How bout that

Summer and the Summer Moon Above

Saturday gratefuls: Pavilion L at Denver Health. Travel Clinic. Those two nurses. Typhoid vaccine. Immunocompromised. Joe Mama’s. Alan. Driving down the hill. A cool but clear day so far. Rain yesterday. Rabbi Jamie’s 18th anniversary. The potluck. Ice Cream from Liks. Seeing Sally, Ann, Ellen, Dick, Alan, Cheri, Helen, Rich, Kim, Rich’s mother, Irene, Elizabeth, Susan. A community. My community. An informal conversion. Me. Crossing the Threshold. A ritual. Herme, a one man show. Anemia. Weariness.

Sparks of Joy and Awe: Alan and me

One brief shining: Yesterday in a ten foot wide breakfast place Joe Mama’s Alan and I managed a feat worthy of an updated Buster Keaton sketch wherein I arrive early and take a seat at a two-topper right ear against the wall and back to the door order coffee looking at the menu until I decide to text Alan thinking he’s found the place as hard to locate as I did only to discover a text had come in from him saying the same huh so I turn around as Alan gets up from the table behind me where he’s been sitting for ten minutes having just read my text. Oh.

 

Still laughing about that one. Once a month I drive down the hill and go to breakfast with Alan somewhere in the west Denver metro. This time it was Joe Mama’s. A clever name. I missed it twice. It’s situated between Celebrity Tattoos and The Glass Pipe Shop in a tiny strip mall on busy Colfax. My deaf left ear to noise, my right ear protected by a wall sound comes to me much more clearly, with or without hearing aids. So my back to the  door since the two-tops were only on the right side as you enter. Alan missed me when he came in and we sat like teenagers across the table from each other texting unaware of the other’s presence. Funny.

 

Finished a session with Rabbi Jamie on Jewish prayer. Can’t believe I’m about to say this, but I am. I’m gonna convert. Or, join up. Or, whatever. It wasn’t so much about this session as it was a journey of the heart, a long one. A really long one.

 

Just sent this note to Jamie:
Can’t believe I’m saying this, but I want to go through the conversion process. Not so much to convert, I believe I’ve already done that in my heart, but to get more of the shared language of Judaism. That way I can appreciate the opportunities at CBE much more.
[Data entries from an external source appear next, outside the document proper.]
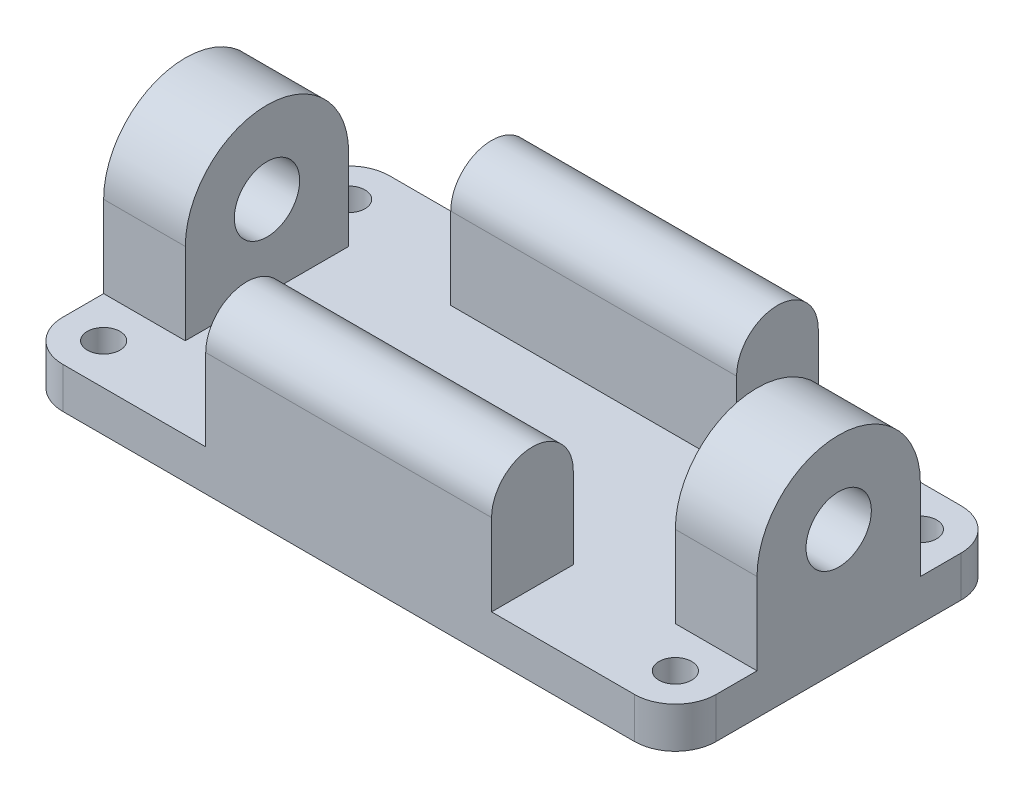
ISO-10303-21;
HEADER;
FILE_DESCRIPTION(('STEP AP214'),'2;1');
FILE_NAME('part.step','',(''),(''),'','','');
FILE_SCHEMA(('AUTOMOTIVE_DESIGN { 1 0 10303 214 1 1 1 1 }'));
ENDSEC;
DATA;
#1=APPLICATION_CONTEXT('core data for automotive mechanical design processes');
#2=APPLICATION_PROTOCOL_DEFINITION('international standard','automotive_design',2000,#1);
#3=PRODUCT_CONTEXT('',#1,'mechanical');
#4=PRODUCT('Part','Part','',(#3));
#5=PRODUCT_RELATED_PRODUCT_CATEGORY('part','',(#4));
#6=PRODUCT_DEFINITION_FORMATION('','',#4);
#7=PRODUCT_DEFINITION_CONTEXT('part definition',#1,'design');
#8=PRODUCT_DEFINITION('design','',#6,#7);
#9=PRODUCT_DEFINITION_SHAPE('','',#8);
#10=(LENGTH_UNIT() NAMED_UNIT(*) SI_UNIT(.MILLI.,.METRE.));
#11=(NAMED_UNIT(*) PLANE_ANGLE_UNIT() SI_UNIT($,.RADIAN.));
#12=(NAMED_UNIT(*) SI_UNIT($,.STERADIAN.) SOLID_ANGLE_UNIT());
#13=UNCERTAINTY_MEASURE_WITH_UNIT(LENGTH_MEASURE(1.E-05),#10,'distance_accuracy_value','');
#14=(GEOMETRIC_REPRESENTATION_CONTEXT(3) GLOBAL_UNCERTAINTY_ASSIGNED_CONTEXT((#13)) GLOBAL_UNIT_ASSIGNED_CONTEXT((#10,
#11,#12)) REPRESENTATION_CONTEXT('',''));
#15=CARTESIAN_POINT('',(0.,0.,0.));
#16=DIRECTION('',(0.,0.,1.));
#17=DIRECTION('',(1.,0.,0.));
#18=AXIS2_PLACEMENT_3D('',#15,#16,#17);
#19=CARTESIAN_POINT('',(35.,5.,-15.));
#20=DIRECTION('',(0.,-1.,0.));
#21=DIRECTION('',(0.,0.,-1.));
#22=AXIS2_PLACEMENT_3D('',#19,#20,#21);
#23=PLANE('',#22);
#24=CARTESIAN_POINT('',(-35.,5.,-15.));
#25=DIRECTION('',(0.,1.,0.));
#26=DIRECTION('',(0.,0.,1.));
#27=AXIS2_PLACEMENT_3D('',#24,#25,#26);
#28=CIRCLE('',#27,1.99999999999999);
#29=CARTESIAN_POINT('',(-35.,5.,-13.));
#30=VERTEX_POINT('',#29);
#31=EDGE_CURVE('E328',#30,#30,#28,.T.);
#32=ORIENTED_EDGE('',*,*,#31,.F.);
#33=EDGE_LOOP('',(#32));
#34=FACE_BOUND('',#33,.T.);
#35=CARTESIAN_POINT('',(35.,5.,-15.));
#36=DIRECTION('',(0.,1.,0.));
#37=DIRECTION('',(0.,0.,1.));
#38=AXIS2_PLACEMENT_3D('',#35,#36,#37);
#39=CIRCLE('',#38,1.99999999999999);
#40=CARTESIAN_POINT('',(35.,5.,-13.));
#41=VERTEX_POINT('',#40);
#42=EDGE_CURVE('E341',#41,#41,#39,.T.);
#43=ORIENTED_EDGE('',*,*,#42,.F.);
#44=EDGE_LOOP('',(#43));
#45=FACE_BOUND('',#44,.T.);
#46=CARTESIAN_POINT('',(35.,5.,15.));
#47=DIRECTION('',(0.,1.,0.));
#48=DIRECTION('',(0.,0.,1.));
#49=AXIS2_PLACEMENT_3D('',#46,#47,#48);
#50=CIRCLE('',#49,1.99999999999999);
#51=CARTESIAN_POINT('',(35.,5.,17.));
#52=VERTEX_POINT('',#51);
#53=EDGE_CURVE('E350',#52,#52,#50,.T.);
#54=ORIENTED_EDGE('',*,*,#53,.F.);
#55=EDGE_LOOP('',(#54));
#56=FACE_BOUND('',#55,.T.);
#57=CARTESIAN_POINT('',(-35.,5.,15.));
#58=DIRECTION('',(0.,1.,0.));
#59=DIRECTION('',(0.,0.,1.));
#60=AXIS2_PLACEMENT_3D('',#57,#58,#59);
#61=CIRCLE('',#60,1.99999999999999);
#62=CARTESIAN_POINT('',(-35.,5.,17.));
#63=VERTEX_POINT('',#62);
#64=EDGE_CURVE('E353',#63,#63,#61,.T.);
#65=ORIENTED_EDGE('',*,*,#64,.F.);
#66=EDGE_LOOP('',(#65));
#67=FACE_BOUND('',#66,.T.);
#68=DIRECTION('',(-1.,0.,0.));
#69=VECTOR('',#68,1.);
#70=CARTESIAN_POINT('',(-35.,5.,-20.));
#71=LINE('',#70,#69);
#72=CARTESIAN_POINT('',(35.,5.,-20.));
#73=VERTEX_POINT('',#72);
#74=CARTESIAN_POINT('',(17.5,5.,-20.));
#75=VERTEX_POINT('',#74);
#76=EDGE_CURVE('E364',#73,#75,#71,.T.);
#77=ORIENTED_EDGE('',*,*,#76,.T.);
#78=DIRECTION('',(0.,0.,1.));
#79=VECTOR('',#78,1.);
#80=CARTESIAN_POINT('',(17.5,5.,-9.99999999999999));
#81=LINE('',#80,#79);
#82=CARTESIAN_POINT('',(17.5,5.,-9.99999999999999));
#83=VERTEX_POINT('',#82);
#84=EDGE_CURVE('E53',#75,#83,#81,.T.);
#85=ORIENTED_EDGE('',*,*,#84,.T.);
#86=DIRECTION('',(-1.,0.,0.));
#87=VECTOR('',#86,1.);
#88=CARTESIAN_POINT('',(17.5,5.,-9.99999999999999));
#89=LINE('',#88,#87);
#90=CARTESIAN_POINT('',(-17.5,5.,-9.99999999999999));
#91=VERTEX_POINT('',#90);
#92=EDGE_CURVE('E59',#83,#91,#89,.T.);
#93=ORIENTED_EDGE('',*,*,#92,.T.);
#94=DIRECTION('',(0.,0.,1.));
#95=VECTOR('',#94,1.);
#96=CARTESIAN_POINT('',(-17.5,5.,-9.99999999999999));
#97=LINE('',#96,#95);
#98=CARTESIAN_POINT('',(-17.5,5.,-20.));
#99=VERTEX_POINT('',#98);
#100=EDGE_CURVE('E223',#99,#91,#97,.T.);
#101=ORIENTED_EDGE('',*,*,#100,.F.);
#102=CARTESIAN_POINT('',(-35.,5.,-20.));
#103=VERTEX_POINT('',#102);
#104=EDGE_CURVE('E361',#99,#103,#71,.T.);
#105=ORIENTED_EDGE('',*,*,#104,.T.);
#106=CARTESIAN_POINT('',(-35.,5.,-15.));
#107=DIRECTION('',(0.,1.,0.));
#108=DIRECTION('',(0.,0.,-1.));
#109=AXIS2_PLACEMENT_3D('',#106,#107,#108);
#110=CIRCLE('',#109,5.);
#111=CARTESIAN_POINT('',(-40.,5.,-15.));
#112=VERTEX_POINT('',#111);
#113=EDGE_CURVE('E370',#103,#112,#110,.T.);
#114=ORIENTED_EDGE('',*,*,#113,.T.);
#115=DIRECTION('',(0.,0.,1.));
#116=VECTOR('',#115,1.);
#117=CARTESIAN_POINT('',(-40.,5.,15.));
#118=LINE('',#117,#116);
#119=CARTESIAN_POINT('',(-40.,5.,-10.));
#120=VERTEX_POINT('',#119);
#121=EDGE_CURVE('E367',#112,#120,#118,.T.);
#122=ORIENTED_EDGE('',*,*,#121,.T.);
#123=DIRECTION('',(-1.,0.,0.));
#124=VECTOR('',#123,1.);
#125=CARTESIAN_POINT('',(-30.,5.,-10.));
#126=LINE('',#125,#124);
#127=CARTESIAN_POINT('',(-30.,5.,-10.));
#128=VERTEX_POINT('',#127);
#129=EDGE_CURVE('E293',#128,#120,#126,.T.);
#130=ORIENTED_EDGE('',*,*,#129,.F.);
#131=DIRECTION('',(0.,0.,-1.));
#132=VECTOR('',#131,1.);
#133=CARTESIAN_POINT('',(-30.,5.,9.99999999999999));
#134=LINE('',#133,#132);
#135=CARTESIAN_POINT('',(-30.,5.,10.));
#136=VERTEX_POINT('',#135);
#137=EDGE_CURVE('E274',#136,#128,#134,.T.);
#138=ORIENTED_EDGE('',*,*,#137,.F.);
#139=DIRECTION('',(-1.,0.,0.));
#140=VECTOR('',#139,1.);
#141=CARTESIAN_POINT('',(-30.,5.,9.99999999999999));
#142=LINE('',#141,#140);
#143=CARTESIAN_POINT('',(-40.,5.,9.99999999999999));
#144=VERTEX_POINT('',#143);
#145=EDGE_CURVE('E295',#136,#144,#142,.T.);
#146=ORIENTED_EDGE('',*,*,#145,.T.);
#147=CARTESIAN_POINT('',(-40.,5.,15.));
#148=VERTEX_POINT('',#147);
#149=EDGE_CURVE('E369',#144,#148,#118,.T.);
#150=ORIENTED_EDGE('',*,*,#149,.T.);
#151=CARTESIAN_POINT('',(-35.,5.,15.));
#152=DIRECTION('',(0.,1.,0.));
#153=DIRECTION('',(0.,0.,-1.));
#154=AXIS2_PLACEMENT_3D('',#151,#152,#153);
#155=CIRCLE('',#154,5.);
#156=CARTESIAN_POINT('',(-35.,5.,20.));
#157=VERTEX_POINT('',#156);
#158=EDGE_CURVE('E375',#148,#157,#155,.T.);
#159=ORIENTED_EDGE('',*,*,#158,.T.);
#160=DIRECTION('',(1.,0.,0.));
#161=VECTOR('',#160,1.);
#162=CARTESIAN_POINT('',(-35.,5.,20.));
#163=LINE('',#162,#161);
#164=CARTESIAN_POINT('',(-17.5,5.,20.));
#165=VERTEX_POINT('',#164);
#166=EDGE_CURVE('E374',#157,#165,#163,.T.);
#167=ORIENTED_EDGE('',*,*,#166,.T.);
#168=DIRECTION('',(0.,0.,-1.));
#169=VECTOR('',#168,1.);
#170=CARTESIAN_POINT('',(-17.5,5.,9.99999999999999));
#171=LINE('',#170,#169);
#172=CARTESIAN_POINT('',(-17.5,5.,10.));
#173=VERTEX_POINT('',#172);
#174=EDGE_CURVE('E207',#165,#173,#171,.T.);
#175=ORIENTED_EDGE('',*,*,#174,.T.);
#176=DIRECTION('',(-1.,0.,0.));
#177=VECTOR('',#176,1.);
#178=CARTESIAN_POINT('',(17.5,5.,9.99999999999999));
#179=LINE('',#178,#177);
#180=CARTESIAN_POINT('',(17.5,5.,10.));
#181=VERTEX_POINT('',#180);
#182=EDGE_CURVE('E259',#181,#173,#179,.T.);
#183=ORIENTED_EDGE('',*,*,#182,.F.);
#184=DIRECTION('',(0.,0.,-1.));
#185=VECTOR('',#184,1.);
#186=CARTESIAN_POINT('',(17.5,5.,9.99999999999999));
#187=LINE('',#186,#185);
#188=CARTESIAN_POINT('',(17.5,5.,20.));
#189=VERTEX_POINT('',#188);
#190=EDGE_CURVE('E234',#189,#181,#187,.T.);
#191=ORIENTED_EDGE('',*,*,#190,.F.);
#192=CARTESIAN_POINT('',(35.,5.,20.));
#193=VERTEX_POINT('',#192);
#194=EDGE_CURVE('E372',#189,#193,#163,.T.);
#195=ORIENTED_EDGE('',*,*,#194,.T.);
#196=CARTESIAN_POINT('',(35.,5.,15.));
#197=DIRECTION('',(0.,1.,0.));
#198=DIRECTION('',(0.,0.,1.));
#199=AXIS2_PLACEMENT_3D('',#196,#197,#198);
#200=CIRCLE('',#199,5.);
#201=CARTESIAN_POINT('',(40.,5.,15.));
#202=VERTEX_POINT('',#201);
#203=EDGE_CURVE('E380',#193,#202,#200,.T.);
#204=ORIENTED_EDGE('',*,*,#203,.T.);
#205=DIRECTION('',(0.,0.,-1.));
#206=VECTOR('',#205,1.);
#207=CARTESIAN_POINT('',(40.,5.,15.));
#208=LINE('',#207,#206);
#209=CARTESIAN_POINT('',(40.,5.,9.99999999999999));
#210=VERTEX_POINT('',#209);
#211=EDGE_CURVE('E379',#202,#210,#208,.T.);
#212=ORIENTED_EDGE('',*,*,#211,.T.);
#213=DIRECTION('',(1.,0.,0.));
#214=VECTOR('',#213,1.);
#215=CARTESIAN_POINT('',(30.,5.,9.99999999999999));
#216=LINE('',#215,#214);
#217=CARTESIAN_POINT('',(30.,5.,9.99999999999999));
#218=VERTEX_POINT('',#217);
#219=EDGE_CURVE('E334',#218,#210,#216,.T.);
#220=ORIENTED_EDGE('',*,*,#219,.F.);
#221=DIRECTION('',(0.,0.,-1.));
#222=VECTOR('',#221,1.);
#223=CARTESIAN_POINT('',(30.,5.,9.99999999999999));
#224=LINE('',#223,#222);
#225=CARTESIAN_POINT('',(30.,5.,-10.));
#226=VERTEX_POINT('',#225);
#227=EDGE_CURVE('E311',#218,#226,#224,.T.);
#228=ORIENTED_EDGE('',*,*,#227,.T.);
#229=DIRECTION('',(1.,0.,0.));
#230=VECTOR('',#229,1.);
#231=CARTESIAN_POINT('',(30.,5.,-10.));
#232=LINE('',#231,#230);
#233=CARTESIAN_POINT('',(40.,5.,-10.));
#234=VERTEX_POINT('',#233);
#235=EDGE_CURVE('E329',#226,#234,#232,.T.);
#236=ORIENTED_EDGE('',*,*,#235,.T.);
#237=CARTESIAN_POINT('',(40.,5.,-15.));
#238=VERTEX_POINT('',#237);
#239=EDGE_CURVE('E377',#234,#238,#208,.T.);
#240=ORIENTED_EDGE('',*,*,#239,.T.);
#241=CARTESIAN_POINT('',(35.,5.,-15.));
#242=DIRECTION('',(0.,1.,0.));
#243=DIRECTION('',(0.,0.,-1.));
#244=AXIS2_PLACEMENT_3D('',#241,#242,#243);
#245=CIRCLE('',#244,5.);
#246=EDGE_CURVE('E359',#238,#73,#245,.T.);
#247=ORIENTED_EDGE('',*,*,#246,.T.);
#248=EDGE_LOOP('',(#77,#85,#93,#101,#105,#114,#122,#130,#138,#146,#150,#159,#167,#175,#183,#191,
#195,#204,#212,#220,#228,#236,#240,#247));
#249=FACE_BOUND('',#248,.T.);
#250=ADVANCED_FACE('F39',(#34,#45,#56,#67,#249),#23,.F.);
#251=CARTESIAN_POINT('',(35.,5.,-15.));
#252=DIRECTION('',(0.,-1.,0.));
#253=DIRECTION('',(0.,0.,-1.));
#254=AXIS2_PLACEMENT_3D('',#251,#252,#253);
#255=CYLINDRICAL_SURFACE('',#254,5.);
#256=CARTESIAN_POINT('',(35.,0.,-15.));
#257=DIRECTION('',(0.,1.,0.));
#258=DIRECTION('',(0.,0.,-1.));
#259=AXIS2_PLACEMENT_3D('',#256,#257,#258);
#260=CIRCLE('',#259,5.);
#261=CARTESIAN_POINT('',(40.,0.,-15.));
#262=VERTEX_POINT('',#261);
#263=CARTESIAN_POINT('',(35.,0.,-20.));
#264=VERTEX_POINT('',#263);
#265=EDGE_CURVE('E358',#262,#264,#260,.T.);
#266=ORIENTED_EDGE('',*,*,#265,.T.);
#267=DIRECTION('',(0.,-1.,0.));
#268=VECTOR('',#267,1.);
#269=CARTESIAN_POINT('',(35.,5.,-20.));
#270=LINE('',#269,#268);
#271=EDGE_CURVE('E11',#73,#264,#270,.T.);
#272=ORIENTED_EDGE('',*,*,#271,.F.);
#273=ORIENTED_EDGE('',*,*,#246,.F.);
#274=DIRECTION('',(0.,-1.,0.));
#275=VECTOR('',#274,1.);
#276=CARTESIAN_POINT('',(40.,5.,-15.));
#277=LINE('',#276,#275);
#278=EDGE_CURVE('E382',#238,#262,#277,.T.);
#279=ORIENTED_EDGE('',*,*,#278,.T.);
#280=EDGE_LOOP('',(#266,#272,#273,#279));
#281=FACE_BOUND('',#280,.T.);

Been on my mind for a while, but the recent work with metaphor and this morning’s work with the prayers has opened a way in for me at the human, non-metaphysical level I hadn’t felt before.
Said I was done with joining things. Well, I was. Now, I’m not.

 

Let me give you a brief synopsis of the journey: As an anthropology student, I had an assignment to visit a synagogue and write it up from an anthropological perspective. It felt very foreign to me. Somewhat foreboding. At the same time I was dating a Jewish girl and met her parents. He was a jeweler, but very well read in philosophy which was also my major at the time. That really impressed me.

After my first philosophy class at Wabash demolished Christian proofs for the existence of God, I exited the Christian faith and became an existentialist vis a vis Camus.

You know already, most of you, about my seminary and ministry experience focused, I now know, on the God as judge metaphor. God judged our society and found it wanting when it came to caring for the poor, the other, the downtrodden. So did I. So do I.

I was a Christian. Yes, I was. But the glue that held me there was weak from a theological perspective. Justice has other roots than the New Testament demands for loving the neighbor. So when I felt the need to leave, it was not a difficult change. Especially since I’d found Kate and she me.

At the time I found Kate I was also dating Caroline Levy and had a connection, never acted on, with Ellen Sue Stern. All three Jews. I had also made a vow to myself during college that I would not seek spiritual guidance outside the Western tradition. Why? Because culture is so powerful I believed we could only reach profound understanding with Western inflected religious tradition.

I mostly followed that. No Buddhism. No Hinduism. Well, almost none. Taoism however did exert a pull on me. And remains an integral part of my essentially animist approach to finding the sacred.

Then Kate and I moved to Shadow Mountain and because of her earlier conversion found Congregation Beth Evergreen. I became an embedded pagan over the last eight years first as Kate’s husband and then on my own right. I was happy with that until this morning. Now I want to move all the way inside the miskhan, the sacred temple that is the Jewish people.

I’ve probably known I would do this since Patty told me Have a nice Easter and unbidden rose within me no, I’m a Passover guy. That was my clue that I’d converted in my heart already.

So I’m gonna do it. Yes, I surprised myself here. Happy to do so. Consistency as my evergreen buddy Ralph Emerson says is the hobgoblin of small minds.